Race Watch 6
Formula 1: Drive To Survive
Welcome to Race Watch, a supplementary feature running alongside my blog designed for me to project any opinions that may have arisen from the motorsport events I viewed over the previous weekend.
I’ll admit it, I binged Netflix this weekend. However, thanks to this blog, I can claim it was productive for once! After all, you’re probably aware that Drive To Survive 2 was released on Friday.
Following on from the success of the first season, which brought us newfound cult heroes (Guenther Steiner), tense inter-team relations (Renault and Red Bull), and precious insight into some of the previously hidden aspects of a Grand Prix weekend (team meetings etc), the second iteration of the series was hotly anticipated by many.
For the second series, Mercedes and Ferrari had joined the fun, meaning all ten teams were set to be featured for the first time. As a result, we had the added storyline of the title fight to count on, mixing in with the established plots of the midfield fight and the struggles of Williams. Naturally, the 2019 F1 season threw up many talking points of its own along the way, with the merciless demotion of Pierre Gasly from Red Bull during the summer break, the intense rivalry between Sebastian Vettel and his new teammate Charles Leclerc, and the mystery that was the (lack of) performance of the Haas. So. How did Netflix do? These are my opinions on what Netflix got right, and what missed the mark in Drive To Survive 2:
Following Haas: Whilst the calamitous nature of the Haas team was a welcome narrative during the first season of DTS, with expletive-laden team principal Steiner becoming one of the most popular members of the paddock as a result, I felt this particular team were given far too much airtime second time around, particularly when considering the lack of screen-time other teams/drivers were given. None of the antics portrayed over the course of the first two episodes (with the team featuring heavily during episode 1 and then becoming the main subject of episode 2) felt fresh, as the constant ranting of the boss and scapegoating of driver Romain Grosjean had all been done in the first season. Last year, the novelty and unexpectedness of the whole situation made the woes of the team entertaining, however knowing what to expect this year meant the whole situation felt like a stale imitation, with precious little new drama (Rich Energy aside). My opinion: about as entertaining as last year’s French GP.
Following Mercedes: Arguably the most anticipated episode of the series was handled perfectly in my eyes. The interviews with Toto Wolff and Lewis Hamilton really showed their human sides, which most fans don’t see on a day-to-day basis, and the way the production team highlighted just how much the late Niki Lauda had affected the team was awesome. To top it all off, the turmoil of the German GP itself really added to the drama of the whole episode, whilst simultaneously enabling the audience to gain valuable insight into how the strongest team on the grid overcomes its weaknesses. My opinion: Get in there Netflix! Fantastic episode mate.

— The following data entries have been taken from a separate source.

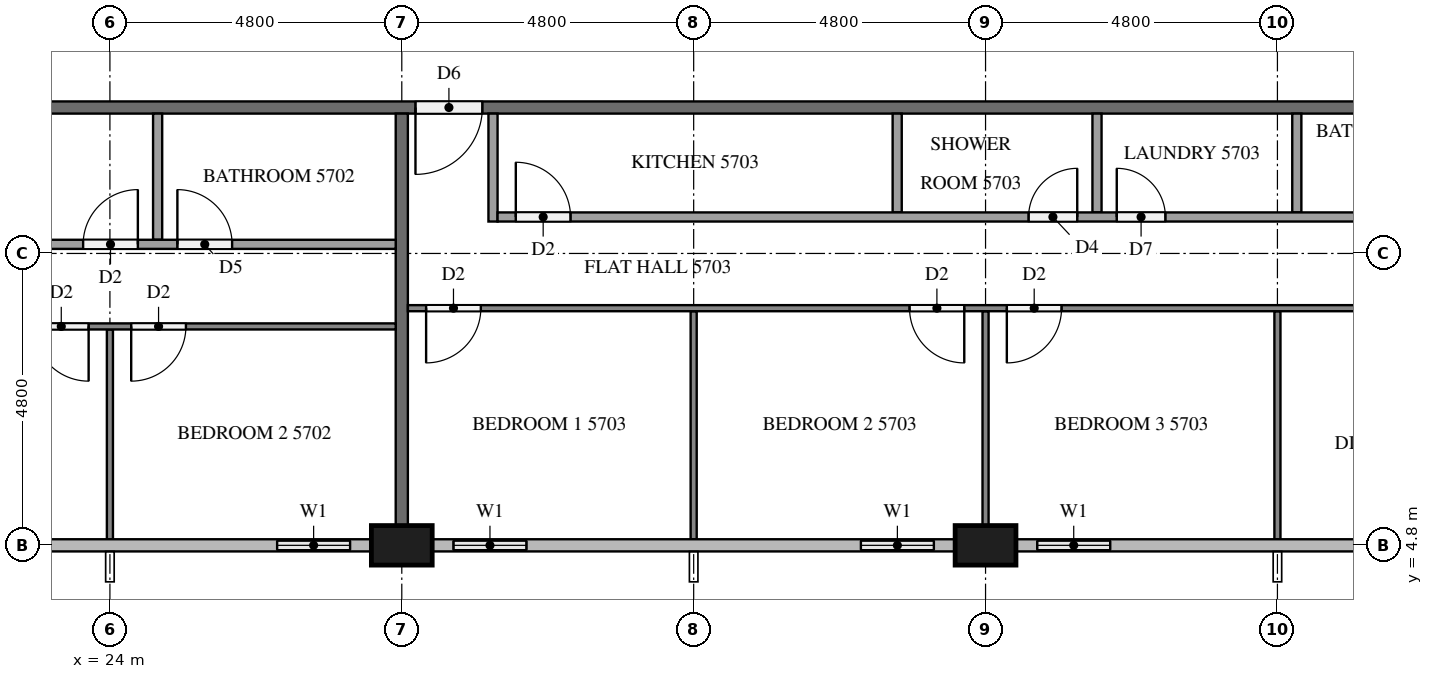
"""IFC4 building model, lengths in metres.
Left out: names, types, materials, properties, quantities, classifications, styles, units other than length and angle.
Written with IfcOpenShell. Run it as: python <this file> out.ifc"""

import sys

from ifc_helpers import new_model, si_unit, direction, frame, frame_2d, origin, origin_2d, place, context, subcontext, project, spatial, rectangle, extrude, element, fill, save


model = new_model("IFC4")
c1 = context("Model", 3, precision=1e-05, world=origin(), true_north=direction((0.0, 1.0)))
c2 = subcontext(c1, "Body", "Model", "MODEL_VIEW")
j1 = project(units=[si_unit("LENGTHUNIT", "METRE"), si_unit("PLANEANGLEUNIT", "RADIAN")], contexts=[c1])
p1 = place(None, origin())
s1 = spatial("IfcSite", under=j1, at=p1, CompositionType="ELEMENT")
p2 = place(p1, origin())
s2 = spatial("IfcBuilding", under=s1, at=p2, CompositionType="ELEMENT")
p3 = place(p2, frame((0.0, 0.0, 219.3)))
s3 = spatial("IfcBuildingStorey", under=s2, at=p3, CompositionType="ELEMENT", Elevation=219.3)
for number, where, z_axis, x_axis in (
    (1, (28.8, 4.8, 0.0), (0.0, 0.0, 1.0), (1.0, 0.0, 0.0)),
    (2, (38.4, 4.8, 0.0), (0.0, 0.0, 1.0), (1.0, 0.0, 0.0)),
):
    element("IfcColumn", number, at=place(p3, frame(where, z_axis=z_axis, x_axis=x_axis)), inside=s3, PredefinedType="COLUMN", context=c2, shape_type="SweptSolid", body=[
        extrude(rectangle(XDim=1.0, YDim=0.65, at=origin_2d()), origin(), (0.0, 0.0, 1.0), 3.2),
    ])
p4 = place(p3, frame((26.4, 4.8, 0.0), z_axis=(0.0, 0.0, 1.0), x_axis=(1.0, 0.0, 0.0)))
e3 = element("IfcWall", 3, at=p4, inside=s3, PredefinedType="SOLIDWALL", context=c2, shape_type="SweptSolid", body=[
    extrude(rectangle(XDim=1.9, YDim=0.15, at=frame_2d((0.95, 0.0))), origin(), (0.0, 0.0, 1.0), 3.2),
])
p5 = place(p4, frame((0.35, 0.0, 0.9)))
e4 = element("IfcOpeningElement", 4, at=p5, cuts=e3, PredefinedType="OPENING", context=c2, shape_type="SweptSolid", body=[
    extrude(rectangle(XDim=1.2, YDim=1.4, at=frame_2d((0.6, 0.7))), frame((0.0, 0.085, 0.0), z_axis=(0.0, -1.0, 0.0), x_axis=(1.0, 0.0, 0.0)), (0.0, 0.0, 1.0), 0.17),
])
p6 = place(p3, frame((29.3, 4.8, 0.0), z_axis=(0.0, 0.0, 1.0), x_axis=(1.0, 0.0, 0.0)))
e5 = element("IfcWall", 5, at=p6, inside=s3, PredefinedType="SOLIDWALL", context=c2, shape_type="SweptSolid", body=[
    extrude(rectangle(XDim=1.9, YDim=0.15, at=frame_2d((0.95, 0.0))), origin(), (0.0, 0.0, 1.0), 3.2),
])
p7 = place(p6, frame((0.35, 0.0, 0.9)))
e6 = element("IfcOpeningElement", 6, at=p7, cuts=e5, PredefinedType="OPENING", context=c2, shape_type="SweptSolid", body=[
    extrude(rectangle(XDim=1.2, YDim=1.4, at=frame_2d((0.6, 0.7))), frame((0.0, 0.085, 0.0), z_axis=(0.0, -1.0, 0.0), x_axis=(1.0, 0.0, 0.0)), (0.0, 0.0, 1.0), 0.17),
])
p8 = place(p3, frame((36.0, 4.8, 0.0), z_axis=(0.0, 0.0, 1.0), x_axis=(1.0, 0.0, 0.0)))
e7 = element("IfcWall", 7, at=p8, inside=s3, PredefinedType="SOLIDWALL", context=c2, shape_type="SweptSolid", body=[
    extrude(rectangle(XDim=1.9, YDim=0.15, at=frame_2d((0.95, 0.0))), origin(), (0.0, 0.0, 1.0), 3.2),
])
p9 = place(p8, frame((0.35, 0.0, 0.9)))
e8 = element("IfcOpeningElement", 8, at=p9, cuts=e7, PredefinedType="OPENING", context=c2, shape_type="SweptSolid", body=[
    extrude(rectangle(XDim=1.2, YDim=1.4, at=frame_2d((0.6, 0.7))), frame((0.0, 0.085, 0.0), z_axis=(0.0, -1.0, 0.0), x_axis=(1.0, 0.0, 0.0)), (0.0, 0.0, 1.0), 0.17),
])
p10 = place(p3, frame((38.9, 4.8, 0.0), z_axis=(0.0, 0.0, 1.0), x_axis=(1.0, 0.0, 0.0)))
e9 = element("IfcWall", 9, at=p10, inside=s3, PredefinedType="SOLIDWALL", context=c2, shape_type="SweptSolid", body=[
    extrude(rectangle(XDim=1.9, YDim=0.15, at=frame_2d((0.95, 0.0))), origin(), (0.0, 0.0, 1.0), 3.2),
])
p11 = place(p10, frame((0.35, 0.0, 0.9)))
e10 = element("IfcOpeningElement", 10, at=p11, cuts=e9, PredefinedType="OPENING", context=c2, shape_type="SweptSolid", body=[
    extrude(rectangle(XDim=1.2, YDim=1.4, at=frame_2d((0.6, 0.7))), frame((0.0, 0.085, 0.0), z_axis=(0.0, -1.0, 0.0), x_axis=(1.0, 0.0, 0.0)), (0.0, 0.0, 1.0), 0.17),
])
p12 = place(p3, frame((50.5, 12.0, 0.0), z_axis=(0.0, 0.0, 1.0), x_axis=(-1.0, 0.0, 0.0)))
e11 = element("IfcWall", 11, at=p12, inside=s3, PredefinedType="PARTITIONING", context=c2, shape_type="SweptSolid", body=[
    extrude(rectangle(XDim=38.6, YDim=0.2, at=frame_2d((19.3, 0.0))), origin(), (0.0, 0.0, 1.0), 3.2),
])
p13 = place(p12, frame((36.375, 0.0, 0.0)))
e12 = element("IfcOpeningElement", 12, at=p13, cuts=e11, PredefinedType="OPENING", context=c2, shape_type="SweptSolid", body=[
    extrude(rectangle(XDim=1.0, YDim=2.1, at=frame_2d((0.5, 1.05))), frame((0.0, 0.11, 0.0), z_axis=(0.0, -1.0, 0.0), x_axis=(1.0, 0.0, 0.0)), (0.0, 0.0, 1.0), 0.22),
])
p14 = place(p12, frame((34.825, 0.0, 0.0)))
e13 = element("IfcOpeningElement", 13, at=p14, cuts=e11, PredefinedType="OPENING", context=c2, shape_type="SweptSolid", body=[
    extrude(rectangle(XDim=1.0, YDim=2.1, at=frame_2d((0.5, 1.05))), frame((0.0, 0.11, 0.0), z_axis=(0.0, -1.0, 0.0), x_axis=(1.0, 0.0, 0.0)), (0.0, 0.0, 1.0), 0.22),
])
p15 = place(p12, frame((20.375, 0.0, 0.0)))
e14 = element("IfcOpeningElement", 14, at=p15, cuts=e11, PredefinedType="OPENING", context=c2, shape_type="SweptSolid", body=[
    extrude(rectangle(XDim=1.1, YDim=2.1, at=frame_2d((0.55, 1.05))), frame((0.0, 0.11, 0.0), z_axis=(0.0, -1.0, 0.0), x_axis=(1.0, 0.0, 0.0)), (0.0, 0.0, 1.0), 0.22),
])
p16 = place(p12, frame((1.225, 0.0, 0.0)))
e15 = element("IfcOpeningElement", 15, at=p16, cuts=e11, PredefinedType="OPENING", context=c2, shape_type="SweptSolid", body=[
    extrude(rectangle(XDim=1.0, YDim=2.1, at=frame_2d((0.5, 1.05))), frame((0.0, 0.11, 0.0), z_axis=(0.0, -1.0, 0.0), x_axis=(1.0, 0.0, 0.0)), (0.0, 0.0, 1.0), 0.22),
])
p17 = place(p3, frame((28.8, 11.9, 0.0), z_axis=(0.0, 0.0, 1.0), x_axis=(0.0, -1.0, 0.0)))
e16 = element("IfcWall", 16, at=p17, inside=s3, PredefinedType="PARTITIONING", context=c2, shape_type="SweptSolid", body=[
    extrude(rectangle(XDim=6.775, YDim=0.2, at=frame_2d((3.387, 0.0))), origin(), (0.0, 0.0, 1.0), 3.2),
])
p18 = place(p3, frame((24.0, 8.35, 0.0), z_axis=(0.0, 0.0, 1.0), x_axis=(0.0, -1.0, 0.0)))
e17 = element("IfcWall", 17, at=p18, inside=s3, PredefinedType="PARTITIONING", context=c2, shape_type="SweptSolid", body=[
    extrude(rectangle(XDim=3.45, YDim=0.1, at=frame_2d((1.725, 0.0))), origin(), (0.0, 0.0, 1.0), 3.2),
])
p19 = place(p3, frame((28.7, 8.4, 0.0), z_axis=(0.0, 0.0, 1.0), x_axis=(-1.0, 0.0, 0.0)))
e18 = element("IfcWall", 18, at=p19, inside=s3, PredefinedType="PARTITIONING", context=c2, shape_type="SweptSolid", body=[
    extrude(rectangle(XDim=14.2, YDim=0.1, at=frame_2d((7.1, 0.0))), origin(), (0.0, 0.0, 1.0), 3.2),
])
p20 = place(p19, frame((12.9, 0.0, 0.0)))
e19 = element("IfcOpeningElement", 19, at=p20, cuts=e18, PredefinedType="OPENING", context=c2, shape_type="SweptSolid", body=[
    extrude(rectangle(XDim=1.0, YDim=2.1, at=frame_2d((0.5, 1.05))), frame((0.0, 0.06, 0.0), z_axis=(0.0, -1.0, 0.0), x_axis=(1.0, 0.0, 0.0)), (0.0, 0.0, 1.0), 0.12),
])
p21 = place(p19, frame((5.05, 0.0, 0.0)))
e20 = element("IfcOpeningElement", 20, at=p21, cuts=e18, PredefinedType="OPENING", context=c2, shape_type="SweptSolid", body=[
    extrude(rectangle(XDim=0.9, YDim=2.1, at=frame_2d((0.45, 1.05))), frame((0.0, 0.06, 0.0), z_axis=(0.0, -1.0, 0.0), x_axis=(1.0, 0.0, 0.0)), (0.0, 0.0, 1.0), 0.12),
])
p22 = place(p19, frame((3.45, 0.0, 0.0)))
e21 = element("IfcOpeningElement", 21, at=p22, cuts=e18, PredefinedType="OPENING", context=c2, shape_type="SweptSolid", body=[
    extrude(rectangle(XDim=0.9, YDim=2.1, at=frame_2d((0.45, 1.05))), frame((0.0, 0.06, 0.0), z_axis=(0.0, -1.0, 0.0), x_axis=(1.0, 0.0, 0.0)), (0.0, 0.0, 1.0), 0.12),
])
p23 = place(p3, frame((24.785, 11.9, 0.0), z_axis=(0.0, 0.0, 1.0), x_axis=(0.0, -1.0, 0.0)))
e22 = element("IfcWall", 22, at=p23, inside=s3, PredefinedType="PARTITIONING", context=c2, shape_type="SweptSolid", body=[
    extrude(rectangle(XDim=2.075, YDim=0.15, at=frame_2d((1.038, 0.0))), origin(), (0.0, 0.0, 1.0), 3.2),
])
p24 = place(p3, frame((15.975, 9.75, 0.0), z_axis=(0.0, 0.0, 1.0), x_axis=(1.0, 0.0, 0.0)))
e23 = element("IfcWall", 23, at=p24, inside=s3, PredefinedType="PARTITIONING", context=c2, shape_type="SweptSolid", body=[
    extrude(rectangle(XDim=12.725, YDim=0.15, at=frame_2d((6.362, 0.0))), origin(), (0.0, 0.0, 1.0), 3.2),
])
p25 = place(p24, frame((0.3, 0.0, 0.0)))
e24 = element("IfcOpeningElement", 24, at=p25, cuts=e23, PredefinedType="OPENING", context=c2, shape_type="SweptSolid", body=[
    extrude(rectangle(XDim=0.8, YDim=2.1, at=frame_2d((0.4, 1.05))), frame((0.0, 0.085, 0.0), z_axis=(0.0, -1.0, 0.0), x_axis=(1.0, 0.0, 0.0)), (0.0, 0.0, 1.0), 0.17),
])
p26 = place(p24, frame((7.585, 0.0, 0.0)))
e25 = element("IfcOpeningElement", 25, at=p26, cuts=e23, PredefinedType="OPENING", context=c2, shape_type="SweptSolid", body=[
    extrude(rectangle(XDim=0.9, YDim=2.1, at=frame_2d((0.45, 1.05))), frame((0.0, 0.085, 0.0), z_axis=(0.0, -1.0, 0.0), x_axis=(1.0, 0.0, 0.0)), (0.0, 0.0, 1.0), 0.17),
])
p27 = place(p24, frame((9.135, 0.0, 0.0)))
e26 = element("IfcOpeningElement", 26, at=p27, cuts=e23, PredefinedType="OPENING", context=c2, shape_type="SweptSolid", body=[
    extrude(rectangle(XDim=0.9, YDim=2.1, at=frame_2d((0.45, 1.05))), frame((0.0, 0.085, 0.0), z_axis=(0.0, -1.0, 0.0), x_axis=(1.0, 0.0, 0.0)), (0.0, 0.0, 1.0), 0.17),
])
p28 = place(p3, frame((33.6, 8.65, 0.0), z_axis=(0.0, 0.0, 1.0), x_axis=(0.0, -1.0, 0.0)))
e27 = element("IfcWall", 27, at=p28, inside=s3, PredefinedType="PARTITIONING", context=c2, shape_type="SweptSolid", body=[
    extrude(rectangle(XDim=3.75, YDim=0.1, at=frame_2d((1.875, 0.0))), origin(), (0.0, 0.0, 1.0), 3.2),
])
p29 = place(p3, frame((38.4, 8.65, 0.0), z_axis=(0.0, 0.0, 1.0), x_axis=(0.0, -1.0, 0.0)))
e28 = element("IfcWall", 28, at=p29, inside=s3, PredefinedType="PARTITIONING", context=c2, shape_type="SweptSolid", body=[
    extrude(rectangle(XDim=3.525, YDim=0.1, at=frame_2d((1.762, 0.0))), origin(), (0.0, 0.0, 1.0), 3.2),
])
p30 = place(p3, frame((43.2, 8.65, 0.0), z_axis=(0.0, 0.0, 1.0), x_axis=(0.0, -1.0, 0.0)))
e29 = element("IfcWall", 29, at=p30, inside=s3, PredefinedType="PARTITIONING", context=c2, shape_type="SweptSolid", body=[
    extrude(rectangle(XDim=3.75, YDim=0.1, at=frame_2d((1.875, 0.0))), origin(), (0.0, 0.0, 1.0), 3.2),
])
p31 = place(p3, frame((47.9, 8.7, 0.0), z_axis=(0.0, 0.0, 1.0), x_axis=(-1.0, 0.0, 0.0)))
e30 = element("IfcWall", 30, at=p31, inside=s3, PredefinedType="PARTITIONING", context=c2, shape_type="SweptSolid", body=[
    extrude(rectangle(XDim=19.0, YDim=0.1, at=frame_2d((9.5, 0.0))), origin(), (0.0, 0.0, 1.0), 3.2),
])
p32 = place(p31, frame((17.8, 0.0, 0.0)))
e31 = element("IfcOpeningElement", 31, at=p32, cuts=e30, PredefinedType="OPENING", context=c2, shape_type="SweptSolid", body=[
    extrude(rectangle(XDim=0.9, YDim=2.1, at=frame_2d((0.45, 1.05))), frame((0.0, 0.06, 0.0), z_axis=(0.0, -1.0, 0.0), x_axis=(1.0, 0.0, 0.0)), (0.0, 0.0, 1.0), 0.12),
])
p33 = place(p31, frame((9.85, 0.0, 0.0)))
e32 = element("IfcOpeningElement", 32, at=p33, cuts=e30, PredefinedType="OPENING", context=c2, shape_type="SweptSolid", body=[
    extrude(rectangle(XDim=0.9, YDim=2.1, at=frame_2d((0.45, 1.05))), frame((0.0, 0.06, 0.0), z_axis=(0.0, -1.0, 0.0), x_axis=(1.0, 0.0, 0.0)), (0.0, 0.0, 1.0), 0.12),
])
p34 = place(p31, frame((8.25, 0.0, 0.0)))
e33 = element("IfcOpeningElement", 33, at=p34, cuts=e30, PredefinedType="OPENING", context=c2, shape_type="SweptSolid", body=[
    extrude(rectangle(XDim=0.9, YDim=2.1, at=frame_2d((0.45, 1.05))), frame((0.0, 0.06, 0.0), z_axis=(0.0, -1.0, 0.0), x_axis=(1.0, 0.0, 0.0)), (0.0, 0.0, 1.0), 0.12),
])
p35 = place(p31, frame((0.3, 0.0, 0.0)))
e34 = element("IfcOpeningElement", 34, at=p35, cuts=e30, PredefinedType="OPENING", context=c2, shape_type="SweptSolid", body=[
    extrude(rectangle(XDim=1.0, YDim=2.1, at=frame_2d((0.5, 1.05))), frame((0.0, 0.06, 0.0), z_axis=(0.0, -1.0, 0.0), x_axis=(1.0, 0.0, 0.0)), (0.0, 0.0, 1.0), 0.12),
])
for number, where, z_axis, x_axis in (
    (35, (36.947, 11.9, 0.0), (0.0, 0.0, 1.0), (0.0, -1.0, 0.0)),
    (36, (40.233, 11.9, 0.0), (0.0, 0.0, 1.0), (0.0, -1.0, 0.0)),
    (37, (43.519, 11.9, 0.0), (0.0, 0.0, 1.0), (0.0, -1.0, 0.0)),
):
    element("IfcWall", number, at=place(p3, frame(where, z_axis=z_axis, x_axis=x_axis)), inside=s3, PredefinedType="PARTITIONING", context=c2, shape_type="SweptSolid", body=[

Following Red Bull: Splitting the most controversial talking point of the season across two episodes was a brilliant idea by the production team behind DTS, as it really gave us a proper, in-depth view at the whole situation surrounding the mid-season Red Bull driver swap. With episode 5 featuring the plight of Pierre Gasly in comparison to teammate Max Verstappen, it was clear to see that a lack of confidence was adversely affecting Gasly’s performance, and a removal from the high-pressure Red Bull team was necessary. Episode 6, on the other hand, was largely positive, depicting Alex Albon’s rise into F1 in spite of his personal circumstances in earlier life. Of course, not all of episode 6 was uplifting, as Spa was the setting for the tragic death of Anthoine Hubert, a driver who seemed destined for the heights of Formula 1, yet was taken from us due to a horrendous incident, of which nobody was to blame. On the whole, though, I felt the Red Bull driver-swap episodes were some of the best in the series. My opinion: Not a dull moment, just like a 5-year-old after a can of Red Bull. Not that I’ve ever given a 5-year-old a can of Red Bull, honest.
Following Hulkenberg and Williams: I’ve decided to group these subplots together as neither situation was comfortable for those involved. The whole Hulkenberg drama was very awkward, particularly with the Hulk-Abiteboul plane debacle showing the clear tensions between characters during a period when they both know what’s going to happen, despite the outcome not being finalised. The Williams situation, however, was bordering on comical. The confidence pre-season that very quickly disappeared was illustrated expertly, whilst the true extent of their issues was truly eye-opening. I feel these two episodes really showed the value that Netflix adds to the F1 story, as the majority of the information within these two episodes was not previously in the public domain. This meant that even the most informed F1 fan gained some valuable new knowledge from the series. My opinion: So good I don’t even have a pun for it…
On the whole, I felt that Netflix did a brilliant job at covering the content they chose. I feel that they certainly missed out on a few opportunities, as more airtime for fan favourites Kimi Raikkonen and Lando Norris may have been welcome, whilst I also think that the Ricciardo vs Sainz battle should’ve been more Renault-Mclaren focused rather than driver-centric. Hats off to the production team, though, for creating another scintillating series surrounding the sport so many of us love.